5) Formation enthalpy method for reactions

When you have standard formation enthalpies (ΔHf°), compute reaction enthalpy as ΣνΔHf°(products) − ΣνΔHf°(reactants). For methane combustion, illustrative values include ΔHf°[CO₂(g)] ≈ −393.5 kJ/mol, ΔHf°[CH₄(g)] ≈ −74.8 kJ/mol, and ΔHf°[O₂(g)] = 0. With stoichiometric coefficients, the trend is strongly negative.

6) Bond energy method and uncertainty

Bond energies estimate ΔH by subtracting energy released forming bonds from energy required breaking bonds: ΣE(broken) − ΣE(formed). Average bond energies vary by molecular environment, so this method can differ from formation-data results. It is most informative for quick screening, gas-phase estimates, and checking whether a reaction is plausibly exothermic or endothermic.

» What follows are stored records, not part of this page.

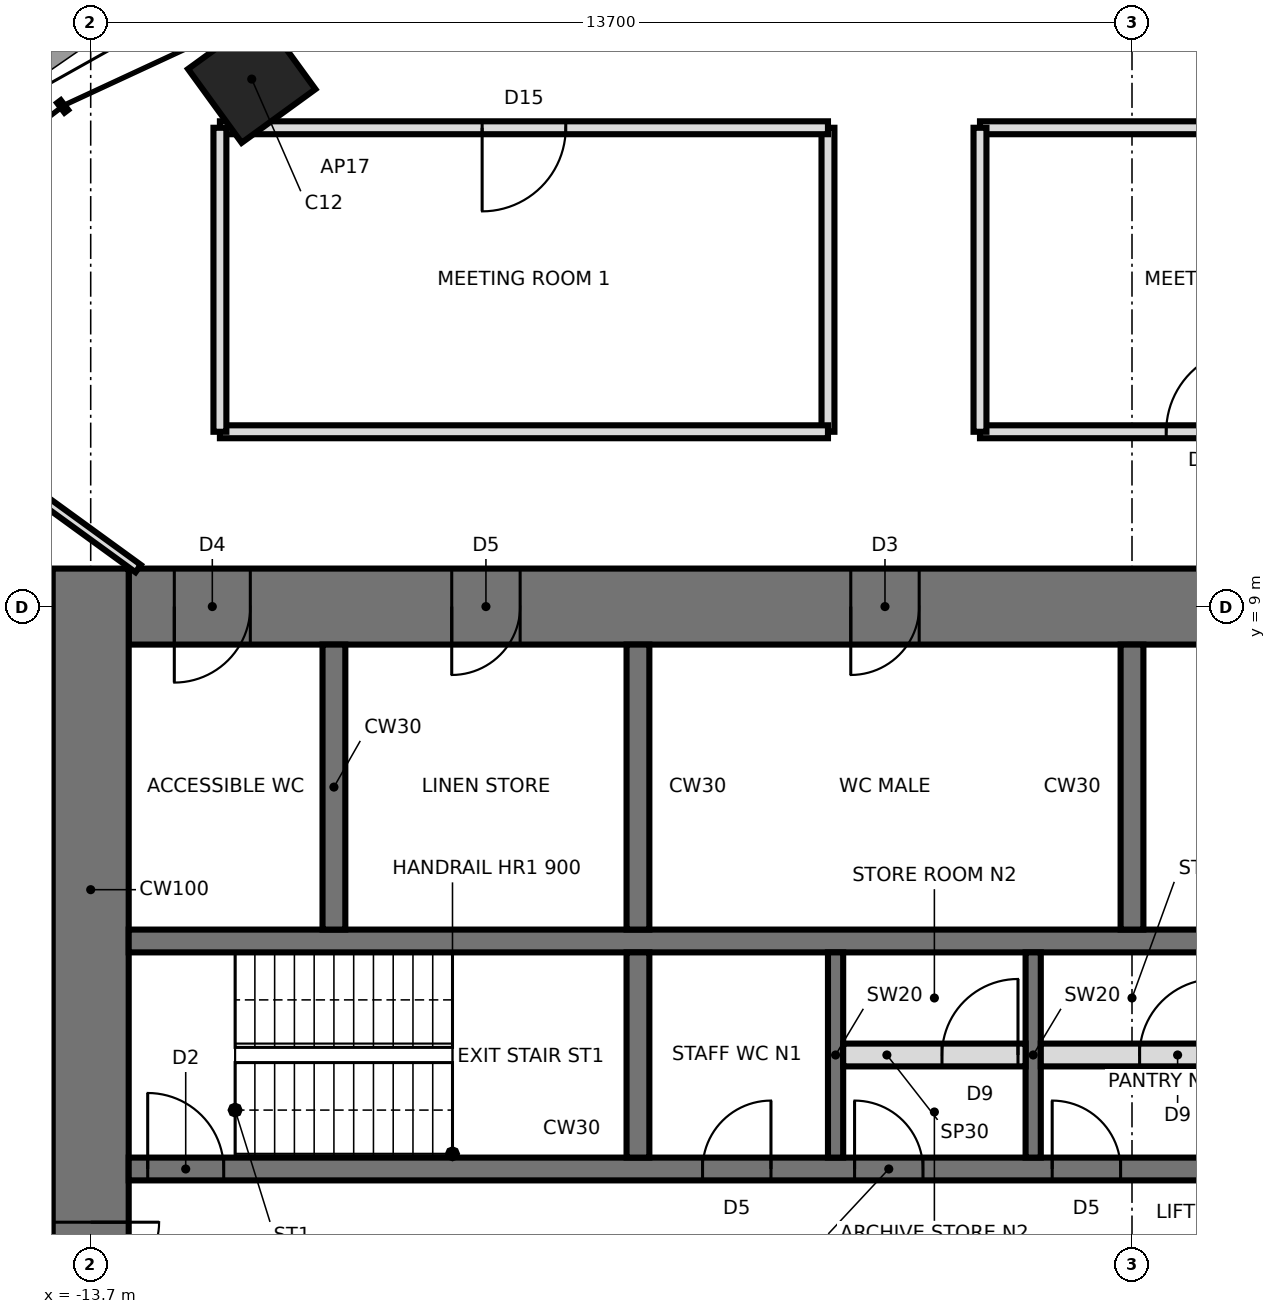
"""IFC4 building model, lengths in metres.
Left out: names, types, materials, properties, quantities, classifications, styles, units other than length and angle.
Written with IfcOpenShell. Run it as: python <this file> out.ifc"""

import sys

from ifc_helpers import new_model, si_unit, direction, frame, frame_2d, origin, origin_2d, place, context, subcontext, project, spatial, rectangle, extrude, element, fill, save


model = new_model("IFC4")
c1 = context("Model", 3, precision=1e-05, world=origin(), true_north=direction((0.0, 1.0)))
c2 = subcontext(c1, "Body", "Model", "MODEL_VIEW")
j1 = project(units=[si_unit("LENGTHUNIT", "METRE"), si_unit("PLANEANGLEUNIT", "RADIAN")], contexts=[c1])
p1 = place(None, origin())
s1 = spatial("IfcSite", under=j1, at=p1, CompositionType="ELEMENT")
p2 = place(p1, origin())
s2 = spatial("IfcBuilding", under=s1, at=p2, CompositionType="ELEMENT")
p3 = place(p2, frame((0.0, 0.0, 264.4)))
s3 = spatial("IfcBuildingStorey", under=s2, at=p3, CompositionType="ELEMENT", Elevation=264.4)
p4 = place(p3, frame((-11.581, 15.94, 0.0), z_axis=(0.0, 0.0, 1.0), x_axis=(-0.587785252292, 0.809016994375, 0.0)))
e1 = element("IfcColumn", 1, at=p4, inside=s3, PredefinedType="COLUMN", context=c2, shape_type="SweptSolid", body=[
    extrude(rectangle(XDim=1.2, YDim=1.2, at=origin_2d()), origin(), (0.0, 0.0, 1.0), 4.2),
])
p5 = place(p3, frame((13.2, 9.0, 0.0), z_axis=(0.0, 0.0, 1.0), x_axis=(-1.0, 0.0, 0.0)))
e2 = element("IfcWall", 2, at=p5, inside=s3, PredefinedType="SHEAR", context=c2, shape_type="SweptSolid", body=[
    extrude(rectangle(XDim=26.4, YDim=1.0, at=frame_2d((13.2, 0.0))), origin(), (0.0, 0.0, 1.0), 4.2),
])
p6 = place(p5, frame((2.65, 0.0, 0.0)))
e3 = element("IfcOpeningElement", 3, at=p6, cuts=e2, PredefinedType="OPENING", context=c2, shape_type="SweptSolid", body=[
    extrude(rectangle(XDim=0.9, YDim=2.1, at=frame_2d((0.45, 1.05))), frame((0.0, 0.51, 0.0), z_axis=(0.0, -1.0, 0.0), x_axis=(1.0, 0.0, 0.0)), (0.0, 0.0, 1.0), 1.02),
])
p7 = place(p5, frame((9.5, 0.0, 0.0)))
e4 = element("IfcOpeningElement", 4, at=p7, cuts=e2, PredefinedType="OPENING", context=c2, shape_type="SweptSolid", body=[
    extrude(rectangle(XDim=0.9, YDim=2.1, at=frame_2d((0.45, 1.05))), frame((0.0, 0.51, 0.0), z_axis=(0.0, -1.0, 0.0), x_axis=(1.0, 0.0, 0.0)), (0.0, 0.0, 1.0), 1.02),
])
p8 = place(p5, frame((16.0, 0.0, 0.0)))
e5 = element("IfcOpeningElement", 5, at=p8, cuts=e2, PredefinedType="OPENING", context=c2, shape_type="SweptSolid", body=[
    extrude(rectangle(XDim=0.9, YDim=2.1, at=frame_2d((0.45, 1.05))), frame((0.0, 0.51, 0.0), z_axis=(0.0, -1.0, 0.0), x_axis=(1.0, 0.0, 0.0)), (0.0, 0.0, 1.0), 1.02),
])
p9 = place(p5, frame((21.25, 0.0, 0.0)))
e6 = element("IfcOpeningElement", 6, at=p9, cuts=e2, PredefinedType="OPENING", context=c2, shape_type="SweptSolid", body=[
    extrude(rectangle(XDim=0.9, YDim=2.1, at=frame_2d((0.45, 1.05))), frame((0.0, 0.51, 0.0), z_axis=(0.0, -1.0, 0.0), x_axis=(1.0, 0.0, 0.0)), (0.0, 0.0, 1.0), 1.02),
])
p10 = place(p5, frame((24.8, 0.0, 0.0)))
e7 = element("IfcOpeningElement", 7, at=p10, cuts=e2, PredefinedType="OPENING", context=c2, shape_type="SweptSolid", body=[
    extrude(rectangle(XDim=1.0, YDim=2.1, at=frame_2d((0.5, 1.05))), frame((0.0, 0.51, 0.0), z_axis=(0.0, -1.0, 0.0), x_axis=(1.0, 0.0, 0.0)), (0.0, 0.0, 1.0), 1.02),
])
p11 = place(p3, frame((-13.7, 9.5, 0.0), z_axis=(0.0, 0.0, 1.0), x_axis=(0.0, -1.0, 0.0)))
e8 = element("IfcWall", 8, at=p11, inside=s3, PredefinedType="SHEAR", context=c2, shape_type="SweptSolid", body=[
    extrude(rectangle(XDim=19.0, YDim=1.0, at=frame_2d((9.5, 0.0))), origin(), (0.0, 0.0, 1.0), 4.2),
])
p12 = place(p11, frame((8.6, 0.0, 0.0)))
e9 = element("IfcOpeningElement", 9, at=p12, cuts=e8, PredefinedType="OPENING", context=c2, shape_type="SweptSolid", body=[
    extrude(rectangle(XDim=1.8, YDim=2.4, at=frame_2d((0.9, 1.2))), frame((0.0, 0.51, 0.0), z_axis=(0.0, -1.0, 0.0), x_axis=(1.0, 0.0, 0.0)), (0.0, 0.0, 1.0), 1.02),
])
p13 = place(p3, frame((-13.2, 1.6, 0.0), z_axis=(0.0, 0.0, 1.0), x_axis=(1.0, 0.0, 0.0)))
e10 = element("IfcWall", 10, at=p13, inside=s3, PredefinedType="SHEAR", context=c2, shape_type="SweptSolid", body=[
    extrude(rectangle(XDim=26.4, YDim=0.3, at=frame_2d((13.2, 0.0))), origin(), (0.0, 0.0, 1.0), 4.2),
])
p14 = place(p13, frame((0.25, 0.0, 0.0)))
e11 = element("IfcOpeningElement", 11, at=p14, cuts=e10, PredefinedType="OPENING", context=c2, shape_type="SweptSolid", body=[
    extrude(rectangle(XDim=1.0, YDim=2.1, at=frame_2d((0.5, 1.05))), frame((0.0, 0.16, 0.0), z_axis=(0.0, -1.0, 0.0), x_axis=(1.0, 0.0, 0.0)), (0.0, 0.0, 1.0), 0.32),
])
p15 = place(p13, frame((20.25, 0.0, 0.0)))
e12 = element("IfcOpeningElement", 12, at=p15, cuts=e10, PredefinedType="OPENING", context=c2, shape_type="SweptSolid", body=[
    extrude(rectangle(XDim=1.5, YDim=2.4, at=frame_2d((0.75, 1.2))), frame((0.0, 0.16, 0.0), z_axis=(0.0, -1.0, 0.0), x_axis=(1.0, 0.0, 0.0)), (0.0, 0.0, 1.0), 0.32),
])
p16 = place(p13, frame((7.55, 0.0, 0.0)))
e13 = element("IfcOpeningElement", 13, at=p16, cuts=e10, PredefinedType="OPENING", context=c2, shape_type="SweptSolid", body=[
    extrude(rectangle(XDim=0.9, YDim=2.1, at=frame_2d((0.45, 1.05))), frame((0.0, 0.16, 0.0), z_axis=(0.0, -1.0, 0.0), x_axis=(1.0, 0.0, 0.0)), (0.0, 0.0, 1.0), 0.32),
])
p17 = place(p13, frame((9.55, 0.0, 0.0)))
e14 = element("IfcOpeningElement", 14, at=p17, cuts=e10, PredefinedType="OPENING", context=c2, shape_type="SweptSolid", body=[
    extrude(rectangle(XDim=0.9, YDim=2.1, at=frame_2d((0.45, 1.05))), frame((0.0, 0.16, 0.0), z_axis=(0.0, -1.0, 0.0), x_axis=(1.0, 0.0, 0.0)), (0.0, 0.0, 1.0), 0.32),
])
p18 = place(p13, frame((12.15, 0.0, 0.0)))
e15 = element("IfcOpeningElement", 15, at=p18, cuts=e10, PredefinedType="OPENING", context=c2, shape_type="SweptSolid", body=[
    extrude(rectangle(XDim=0.9, YDim=2.1, at=frame_2d((0.45, 1.05))), frame((0.0, 0.16, 0.0), z_axis=(0.0, -1.0, 0.0), x_axis=(1.0, 0.0, 0.0)), (0.0, 0.0, 1.0), 0.32),
])
p19 = place(p13, frame((15.25, 0.0, 0.0)))
e16 = element("IfcOpeningElement", 16, at=p19, cuts=e10, PredefinedType="OPENING", context=c2, shape_type="SweptSolid", body=[
    extrude(rectangle(XDim=1.1, YDim=2.3, at=frame_2d((0.55, 1.15))), frame((0.0, 0.16, 0.0), z_axis=(0.0, -1.0, 0.0), x_axis=(1.0, 0.0, 0.0)), (0.0, 0.0, 1.0), 0.32),
])
p20 = place(p13, frame((17.85, 0.0, 0.0)))
e17 = element("IfcOpeningElement", 17, at=p20, cuts=e10, PredefinedType="OPENING", context=c2, shape_type="SweptSolid", body=[
    extrude(rectangle(XDim=1.1, YDim=2.3, at=frame_2d((0.55, 1.15))), frame((0.0, 0.16, 0.0), z_axis=(0.0, -1.0, 0.0), x_axis=(1.0, 0.0, 0.0)), (0.0, 0.0, 1.0), 0.32),
])
p21 = place(p13, frame((24.15, 0.0, 0.0)))
e18 = element("IfcOpeningElement", 18, at=p21, cuts=e10, PredefinedType="OPENING", context=c2, shape_type="SweptSolid", body=[
    extrude(rectangle(XDim=0.9, YDim=2.1, at=frame_2d((0.45, 1.05))), frame((0.0, 0.16, 0.0), z_axis=(0.0, -1.0, 0.0), x_axis=(1.0, 0.0, 0.0)), (0.0, 0.0, 1.0), 0.32),
])
p22 = place(p3, frame((-13.2, 4.6, 0.0), z_axis=(0.0, 0.0, 1.0), x_axis=(1.0, 0.0, 0.0)))
e19 = element("IfcWall", 19, at=p22, inside=s3, PredefinedType="SHEAR", context=c2, shape_type="SweptSolid", body=[
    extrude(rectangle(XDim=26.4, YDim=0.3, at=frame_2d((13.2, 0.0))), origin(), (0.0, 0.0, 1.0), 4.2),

7) Interpreting sign and scaling

The sign reflects the system perspective. If the system releases heat, ΔH becomes negative. If you model multiple reaction “runs,” apply a scale factor: a scale of 2 doubles the computed ΔH. This is useful when comparing per-run results to batch totals, or converting from per-mole calculations to a chosen reaction extent.

8) Practical tips for reliable results

Keep units consistent, especially when mixing J and kJ. Use temperature differences (ΔT) rather than absolute temperature. For reaction methods, verify coefficients and include only species in the balanced equation. If results look unusual, re-check sign conventions, confirm reference-state assumptions, and compare two methods to identify input mistakes.

FAQs

1) Is ΔH the same as heat?

No. Heat is energy transferred; ΔH is a state-function change. At constant pressure, heat transferred to the system equals ΔH, which is why q_p can be used.

2) Why does water use c_p ≈ 4184 J/(kg·K)?

Liquid water stores heat efficiently. Near room temperature, its specific heat is close to 4184 J/(kg·K), making it a common calibration reference for simple calorimetry estimates.

3) Can I use °C for ΔT?

Yes. A temperature difference of 10 °C equals 10 K, so ΔT can be entered in either scale as long as it is a difference, not an absolute temperature.

4) What does “scale factor” mean here?

It multiplies the final ΔH. Use it to model multiple identical trials, different reaction extents, or batch totals when your inputs represent a single baseline scenario.

5) Why can bond-energy results differ from formation-data results?

Bond energies are averages and depend on molecular environment. Formation enthalpies are reference-state values for specific species, so they usually produce more accurate reaction enthalpies.

6) What should I enter for elements like O₂ in formation calculations?

For elements in their standard state, ΔHf° is defined as 0 kJ/mol. Enter 0 for species such as O₂(g) or N₂(g) in standard conditions.

7) How do I interpret a positive ΔH?

Positive ΔH indicates the system absorbs heat (endothermic). You may observe cooling of surroundings or require external heating to maintain temperature during the process.